Depuis le début de la grève, Paris concentre un nombre de sourires inversement proportionnel à celui de piétons dans la ville, en grande partie privée de transports en commun. En chaussures de randonnée ou en baskets ignorant la brigade du style, on s’affaire sur les trottoirs et les passages zébrés en grommelant. La surface de la terre intramuros est devenue une sorte de chaos généralisé, où les klaxons des automobilistes et les sirènes de police, les slaloms de vélos et les lignes droites de trottinettes électriques, redéfinissent l’aliénation urbaine sous des conditions climatiques imprévisibles de fin d’automne. Pourtant, un petit passage à l’Opéra Comique pour Fortunio suffit à décrisper sa resting bitch face, tant la réussite de cette reprise de la production de Denis Podalydès (2009, sa première mise en scène lyrique) saute aux yeux. Le sociétaire de la Comédie-Française réduit les accessoires et les décors au strict nécessaire de l’action afin de mettre en exergue tout le potentiel comique des chanteurs. Il y a donc l’armoire normande avec un grand tiroir pour cacher l’amant, des rondins de bois derrière lesquels on écoute des conversations furtives, et des préaux où on se rassemble après la messe, mais il s’agit surtout d’un espace de théâtre représentant la versatilité entre l’attachement contextuel (l’où et le quoi) et la construction intérieure de la pensée (le pourquoi). Le concret et l’abstrait s’unissent dans l’idée du for intérieur de Fortunio, figure droite et sincère à la pureté d’esprit (plutôt que naïveté) en décalage avec son entourage, comme les aspirations d’un romantique un peu en retard. Si Denis Podalydès remplit indéniablement le contrat du vaudeville (c’est même très drôle), il évite adroitement la reconstitution historique et l’évidence de la représentation à travers cet entre-deux.

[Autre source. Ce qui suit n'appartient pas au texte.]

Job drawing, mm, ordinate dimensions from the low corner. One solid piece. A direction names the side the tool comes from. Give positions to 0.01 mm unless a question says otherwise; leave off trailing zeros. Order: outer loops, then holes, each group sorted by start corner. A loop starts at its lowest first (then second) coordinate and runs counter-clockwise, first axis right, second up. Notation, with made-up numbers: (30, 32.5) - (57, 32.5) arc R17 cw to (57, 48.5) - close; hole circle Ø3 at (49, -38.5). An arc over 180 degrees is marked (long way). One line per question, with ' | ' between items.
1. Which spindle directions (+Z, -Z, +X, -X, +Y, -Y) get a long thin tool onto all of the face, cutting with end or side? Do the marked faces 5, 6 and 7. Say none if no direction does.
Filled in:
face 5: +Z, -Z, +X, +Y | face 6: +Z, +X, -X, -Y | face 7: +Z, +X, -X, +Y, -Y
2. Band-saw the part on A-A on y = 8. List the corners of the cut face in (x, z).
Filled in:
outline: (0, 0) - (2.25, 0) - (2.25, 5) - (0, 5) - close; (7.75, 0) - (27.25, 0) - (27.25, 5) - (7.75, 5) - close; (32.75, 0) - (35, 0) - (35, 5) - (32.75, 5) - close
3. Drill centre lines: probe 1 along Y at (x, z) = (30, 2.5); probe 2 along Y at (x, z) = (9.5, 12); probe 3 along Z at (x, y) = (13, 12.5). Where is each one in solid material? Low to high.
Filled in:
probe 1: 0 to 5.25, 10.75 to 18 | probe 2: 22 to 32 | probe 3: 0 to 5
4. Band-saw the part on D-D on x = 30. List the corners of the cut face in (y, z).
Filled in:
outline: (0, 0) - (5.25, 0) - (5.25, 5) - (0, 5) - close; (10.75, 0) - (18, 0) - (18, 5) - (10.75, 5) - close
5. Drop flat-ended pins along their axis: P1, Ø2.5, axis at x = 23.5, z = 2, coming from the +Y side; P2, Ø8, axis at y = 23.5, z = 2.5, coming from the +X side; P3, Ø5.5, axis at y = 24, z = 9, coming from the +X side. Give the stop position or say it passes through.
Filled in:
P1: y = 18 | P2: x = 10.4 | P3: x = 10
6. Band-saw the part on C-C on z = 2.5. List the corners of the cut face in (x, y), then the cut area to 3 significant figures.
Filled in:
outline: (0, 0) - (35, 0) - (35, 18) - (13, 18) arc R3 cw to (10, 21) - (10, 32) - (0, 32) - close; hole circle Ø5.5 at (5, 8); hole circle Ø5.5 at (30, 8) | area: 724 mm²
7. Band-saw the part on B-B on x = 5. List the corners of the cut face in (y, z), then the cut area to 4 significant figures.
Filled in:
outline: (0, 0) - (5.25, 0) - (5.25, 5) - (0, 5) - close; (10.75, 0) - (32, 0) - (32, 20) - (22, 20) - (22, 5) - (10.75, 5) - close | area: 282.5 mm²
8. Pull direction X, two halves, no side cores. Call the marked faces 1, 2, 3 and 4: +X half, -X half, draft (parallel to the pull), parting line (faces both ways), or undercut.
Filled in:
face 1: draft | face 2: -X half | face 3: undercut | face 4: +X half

Fortunio, Opéra Comique ; © Stefan Brion

André Messager compose cette comédie lyrique en 1907 pour la Salle Favart quelques mois avant de prendre les rênes de l’Opéra de Paris. Sa charmante écriture agrège plusieurs styles hérités des œuvres qu’il a dirigées comme chef d’orchestre, ou de sa connaissance du répertoire opératique au sens large – il a aussi été à la tête de l’Opéra Comique quelques années plus tôt –, mais se prétend résolument française. C’est sous sa baguette qu’est créé Pelléas et Mélisande et que Gluck et Massenet s’ancrent à Covent Garden au début du XXe siècle. Dans Fortunio, la concision du langage musical n’a d’égale que sa densité ; il en est de même du livret réussi de Cavaillet et Flers, vaguement inspiré du Chandelier de Musset. L’orchestration est celle d’un chef d’orchestre intégrant des modulations et textures « fin de siècle » plus sérieuses à une base dite « légère ». Il faut donc un capitaine à même de dévoiler l’encre invisible dont est parsemé l’ouvrage. Louis Langrée est l’homme de la situation : il tire l’Orchestre des Champs-Élysées au plus haut dans un récit haletant et une construction de didascalies étonnantes. Les rideaux de scène seraient fermés qu’on comprendrait tout de cette histoire, tant la caractérisation des personnages se lit dans une direction si extraordinairement prise à bras le corps. À ce niveau de transport au cœur des vers chantés, il s’agit presque de réalité virtuelle sensorielle augmentée (avec le même petit bémol à l’intensité, ici sonore, qui s’installe dans les rangs) !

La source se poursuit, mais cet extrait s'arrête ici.